Using the E+zpe energies doesn't help much:
((-228.59851481032464*627.503+(32.446-298.15*64.067/1000)-72.33)+(-189.84410782745556*627.503+(23.495-298.15*59.329/1000)-8.90))-((-229.15085136038675*627.503+(41.653-298.15*69.467/1000)-8.59)+(-189.29766471881302*627.503+(14.845-298.15*56.927/1000)-72.59))+5.116=
9.10100587110175 kcal/mol <=> pKa=6.68

I really have no idea why the results are so bad when I had reasonable results with DFT/b3lyp/6-31++G** which should be worse than the E(CBS)+E(CC)+E(CV)+E(DK) approach for calculating electronic energies.

Solvation energies are a bit different and could explain some of the difference.
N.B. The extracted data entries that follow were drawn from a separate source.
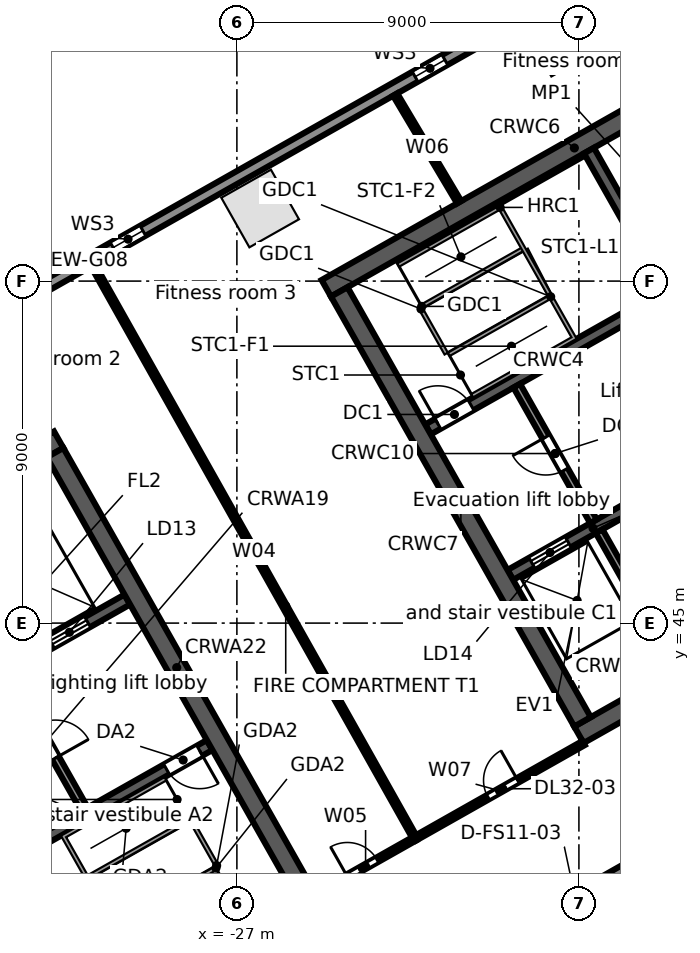
"""IFC4 building model, lengths in metres.
Left out: names, types, materials, properties, quantities, classifications, styles, units other than length and angle.
Written with IfcOpenShell. Run it as: python <this file> out.ifc"""

import sys

from ifc_helpers import new_model, si_unit, direction, frame, frame_2d, origin, origin_2d, place, context, subcontext, project, spatial, rectangle, extrude, element, fill, save


model = new_model("IFC4")
c1 = context("Model", 3, precision=1e-05, world=origin(), true_north=direction((0.0, 1.0)))
c2 = subcontext(c1, "Body", "Model", "MODEL_VIEW")
j1 = project(units=[si_unit("LENGTHUNIT", "METRE"), si_unit("PLANEANGLEUNIT", "RADIAN")], contexts=[c1])
p1 = place(None, origin())
s1 = spatial("IfcSite", under=j1, at=p1, CompositionType="ELEMENT")
p2 = place(p1, origin())
s2 = spatial("IfcBuilding", under=s1, at=p2, CompositionType="ELEMENT")
p3 = place(p2, frame((0.0, 0.0, 158.9)))
s3 = spatial("IfcBuildingStorey", under=s2, at=p3, CompositionType="ELEMENT", Elevation=158.9)
for number, where, z_axis, x_axis in (
    (1, (-18.441, 60.406, 0.0), (0.0, 0.0, 1.0), (-0.87, -0.492, 0.0)),
    (2, (-26.388, 55.91, 0.0), (0.0, 0.0, 1.0), (-0.87, -0.492, 0.0)),
):
    element("IfcColumn", number, at=place(p3, frame(where, z_axis=z_axis, x_axis=x_axis)), inside=s3, PredefinedType="COLUMN", context=c2, shape_type="SweptSolid", body=[
        extrude(rectangle(XDim=1.5, YDim=1.5, at=origin_2d()), origin(), (0.0, 0.0, 1.0), 4.0),
    ])
p4 = place(p3, frame((-0.055, 47.969, 0.0), z_axis=(0.0, 0.0, 1.0), x_axis=(-0.870355730478, -0.492423499058, 0.0)))
e3 = element("IfcWall", 3, at=p4, inside=s3, PredefinedType="STANDARD", context=c2, shape_type="SweptSolid", body=[
    extrude(rectangle(XDim=43.75, YDim=0.3, at=frame_2d((21.875, 0.0))), origin(), (0.0, 0.0, 1.0), 3.68),
])
p5 = place(p4, frame((39.977, 0.0, 0.6)))
e4 = element("IfcOpeningElement", 4, at=p5, cuts=e3, PredefinedType="OPENING", context=c2, shape_type="SweptSolid", body=[
    extrude(rectangle(XDim=0.9, YDim=2.4, at=frame_2d((0.45, 1.2))), frame((0.0, 0.16, 0.0), z_axis=(0.0, -1.0, 0.0), x_axis=(1.0, 0.0, 0.0)), (0.0, 0.0, 1.0), 0.32),
])
p6 = place(p4, frame((37.338, 0.0, 0.0)))
e5 = element("IfcOpeningElement", 5, at=p6, cuts=e3, PredefinedType="OPENING", context=c2, shape_type="SweptSolid", body=[
    extrude(rectangle(XDim=1.8, YDim=2.4, at=frame_2d((0.9, 1.2))), frame((0.0, 0.16, 0.0), z_axis=(0.0, -1.0, 0.0), x_axis=(1.0, 0.0, 0.0)), (0.0, 0.0, 1.0), 0.32),
])
p7 = place(p4, frame((31.222, 0.0, 0.6)))
e6 = element("IfcOpeningElement", 6, at=p7, cuts=e3, PredefinedType="OPENING", context=c2, shape_type="SweptSolid", body=[
    extrude(rectangle(XDim=0.9, YDim=2.4, at=frame_2d((0.45, 1.2))), frame((0.0, 0.16, 0.0), z_axis=(0.0, -1.0, 0.0), x_axis=(1.0, 0.0, 0.0)), (0.0, 0.0, 1.0), 0.32),
])
p8 = place(p4, frame((28.584, 0.0, 0.0)))
e7 = element("IfcOpeningElement", 7, at=p8, cuts=e3, PredefinedType="OPENING", context=c2, shape_type="SweptSolid", body=[
    extrude(rectangle(XDim=1.8, YDim=2.4, at=frame_2d((0.9, 1.2))), frame((0.0, 0.16, 0.0), z_axis=(0.0, -1.0, 0.0), x_axis=(1.0, 0.0, 0.0)), (0.0, 0.0, 1.0), 0.32),
])
p9 = place(p4, frame((22.468, 0.0, 0.6)))
e8 = element("IfcOpeningElement", 8, at=p9, cuts=e3, PredefinedType="OPENING", context=c2, shape_type="SweptSolid", body=[
    extrude(rectangle(XDim=0.9, YDim=2.4, at=frame_2d((0.45, 1.2))), frame((0.0, 0.16, 0.0), z_axis=(0.0, -1.0, 0.0), x_axis=(1.0, 0.0, 0.0)), (0.0, 0.0, 1.0), 0.32),
])
p10 = place(p4, frame((19.829, 0.0, 0.0)))
e9 = element("IfcOpeningElement", 9, at=p10, cuts=e3, PredefinedType="OPENING", context=c2, shape_type="SweptSolid", body=[
    extrude(rectangle(XDim=1.8, YDim=2.4, at=frame_2d((0.9, 1.2))), frame((0.0, 0.16, 0.0), z_axis=(0.0, -1.0, 0.0), x_axis=(1.0, 0.0, 0.0)), (0.0, 0.0, 1.0), 0.32),
])
p11 = place(p4, frame((13.713, 0.0, 0.6)))
e10 = element("IfcOpeningElement", 10, at=p11, cuts=e3, PredefinedType="OPENING", context=c2, shape_type="SweptSolid", body=[
    extrude(rectangle(XDim=0.9, YDim=2.4, at=frame_2d((0.45, 1.2))), frame((0.0, 0.16, 0.0), z_axis=(0.0, -1.0, 0.0), x_axis=(1.0, 0.0, 0.0)), (0.0, 0.0, 1.0), 0.32),
])
p12 = place(p4, frame((11.075, 0.0, 0.0)))
e11 = element("IfcOpeningElement", 11, at=p12, cuts=e3, PredefinedType="OPENING", context=c2, shape_type="SweptSolid", body=[
    extrude(rectangle(XDim=1.8, YDim=2.4, at=frame_2d((0.9, 1.2))), frame((0.0, 0.16, 0.0), z_axis=(0.0, -1.0, 0.0), x_axis=(1.0, 0.0, 0.0)), (0.0, 0.0, 1.0), 0.32),
])
p13 = place(p4, frame((4.959, 0.0, 0.6)))
e12 = element("IfcOpeningElement", 12, at=p13, cuts=e3, PredefinedType="OPENING", context=c2, shape_type="SweptSolid", body=[
    extrude(rectangle(XDim=0.9, YDim=2.4, at=frame_2d((0.45, 1.2))), frame((0.0, 0.16, 0.0), z_axis=(0.0, -1.0, 0.0), x_axis=(1.0, 0.0, 0.0)), (0.0, 0.0, 1.0), 0.32),
])
p14 = place(p4, frame((2.32, 0.0, 0.0)))
e13 = element("IfcOpeningElement", 13, at=p14, cuts=e3, PredefinedType="OPENING", context=c2, shape_type="SweptSolid", body=[
    extrude(rectangle(XDim=1.8, YDim=2.4, at=frame_2d((0.9, 1.2))), frame((0.0, 0.16, 0.0), z_axis=(0.0, -1.0, 0.0), x_axis=(1.0, 0.0, 0.0)), (0.0, 0.0, 1.0), 0.32),
])
p15 = place(p3, frame((-58.745, 38.764, 0.0), z_axis=(0.0, 0.0, 1.0), x_axis=(0.870355811726, 0.492423355453, 0.0)))
e14 = element("IfcWall", 14, at=p15, inside=s3, PredefinedType="STANDARD", context=c2, shape_type="SweptSolid", body=[
    extrude(rectangle(XDim=64.025, YDim=0.3, at=frame_2d((32.013, 0.0))), origin(), (0.0, 0.0, 1.0), 3.68),
])
p16 = place(p15, frame((60.122, 0.0, 0.6)))
e15 = element("IfcOpeningElement", 15, at=p16, cuts=e14, PredefinedType="OPENING", context=c2, shape_type="SweptSolid", body=[
    extrude(rectangle(XDim=0.9, YDim=2.4, at=frame_2d((0.45, 1.2))), frame((0.0, 0.16, 0.0), z_axis=(0.0, -1.0, 0.0), x_axis=(1.0, 0.0, 0.0)), (0.0, 0.0, 1.0), 0.32),
])
p17 = place(p15, frame((50.992, 0.0, 0.6)))
e16 = element("IfcOpeningElement", 16, at=p17, cuts=e14, PredefinedType="OPENING", context=c2, shape_type="SweptSolid", body=[
    extrude(rectangle(XDim=0.9, YDim=2.4, at=frame_2d((0.45, 1.2))), frame((0.0, 0.16, 0.0), z_axis=(0.0, -1.0, 0.0), x_axis=(1.0, 0.0, 0.0)), (0.0, 0.0, 1.0), 0.32),
])
p18 = place(p15, frame((41.862, 0.0, 0.6)))
e17 = element("IfcOpeningElement", 17, at=p18, cuts=e14, PredefinedType="OPENING", context=c2, shape_type="SweptSolid", body=[
    extrude(rectangle(XDim=0.9, YDim=2.4, at=frame_2d((0.45, 1.2))), frame((0.0, 0.16, 0.0), z_axis=(0.0, -1.0, 0.0), x_axis=(1.0, 0.0, 0.0)), (0.0, 0.0, 1.0), 0.32),
])
p19 = place(p15, frame((32.732, 0.0, 0.6)))
e18 = element("IfcOpeningElement", 18, at=p19, cuts=e14, PredefinedType="OPENING", context=c2, shape_type="SweptSolid", body=[
    extrude(rectangle(XDim=0.9, YDim=2.4, at=frame_2d((0.45, 1.2))), frame((0.0, 0.16, 0.0), z_axis=(0.0, -1.0, 0.0), x_axis=(1.0, 0.0, 0.0)), (0.0, 0.0, 1.0), 0.32),
])
p20 = place(p15, frame((23.602, 0.0, 0.6)))
e19 = element("IfcOpeningElement", 19, at=p20, cuts=e14, PredefinedType="OPENING", context=c2, shape_type="SweptSolid", body=[
    extrude(rectangle(XDim=0.9, YDim=2.4, at=frame_2d((0.45, 1.2))), frame((0.0, 0.16, 0.0), z_axis=(0.0, -1.0, 0.0), x_axis=(1.0, 0.0, 0.0)), (0.0, 0.0, 1.0), 0.32),
])
p21 = place(p15, frame((14.472, 0.0, 0.6)))
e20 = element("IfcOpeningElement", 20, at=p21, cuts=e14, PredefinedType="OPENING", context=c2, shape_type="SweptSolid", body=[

Using the solvation energies from here I got:
((-228.64570824556665*627.503+(32.446-298.15*64.067/1000)-73.23)+(-189.87745422616013*627.503+(23.495-298.15*59.329/1000)-9.99))-((-229.21170315315857*627.503+(41.653-298.15*69.467/1000)-9.32)+(-189.31741660871680*627.503+(14.845-298.15*56.927/1000)-72.47))+5.116=
7.76107114008302 kcal/mol <=> pKa=5.69. Not 4.75, but closer.

Using rsolv 1.3 I get
((-228.64570824556665*627.503+(32.446-298.15*64.067/1000)-71.09)+(-189.87745422616013*627.503+(23.495-298.15*59.329/1000)-6.37))-((-229.21170315315857*627.503+(41.653-298.15*69.467/1000)-6.53)+(-189.31741660871680*627.503+(14.845-298.15*56.927/1000)-71.90))+5.116=
10.1610711401063 kcal/mol which is bad.


More thinking.
  This paper says that the gas phase free energy for the deprotonation of acetic acid should be 341.1 kcal/mol
(-228.64570824556665*627.503+(32.446-298.15*64.067/1000)-6.82)-(-229.21170315315857*627.503+(41.653-298.15*69.467/1000))=340.75 kca/mol
We're within 1 kcal/mol 

The same paper states 338.5 kcal/mol for formic acid:
(-189.31741660871680*627.503+(14.845-298.15*56.927/1000)-6.82)-(-189.87745422616013*627.503+(23.495-298.15*59.329/1000))=336.67 kca/mol

For our direct solution phase pKa calculation formic acid was off by about 1.9 kcal/mol which is similar to the error here.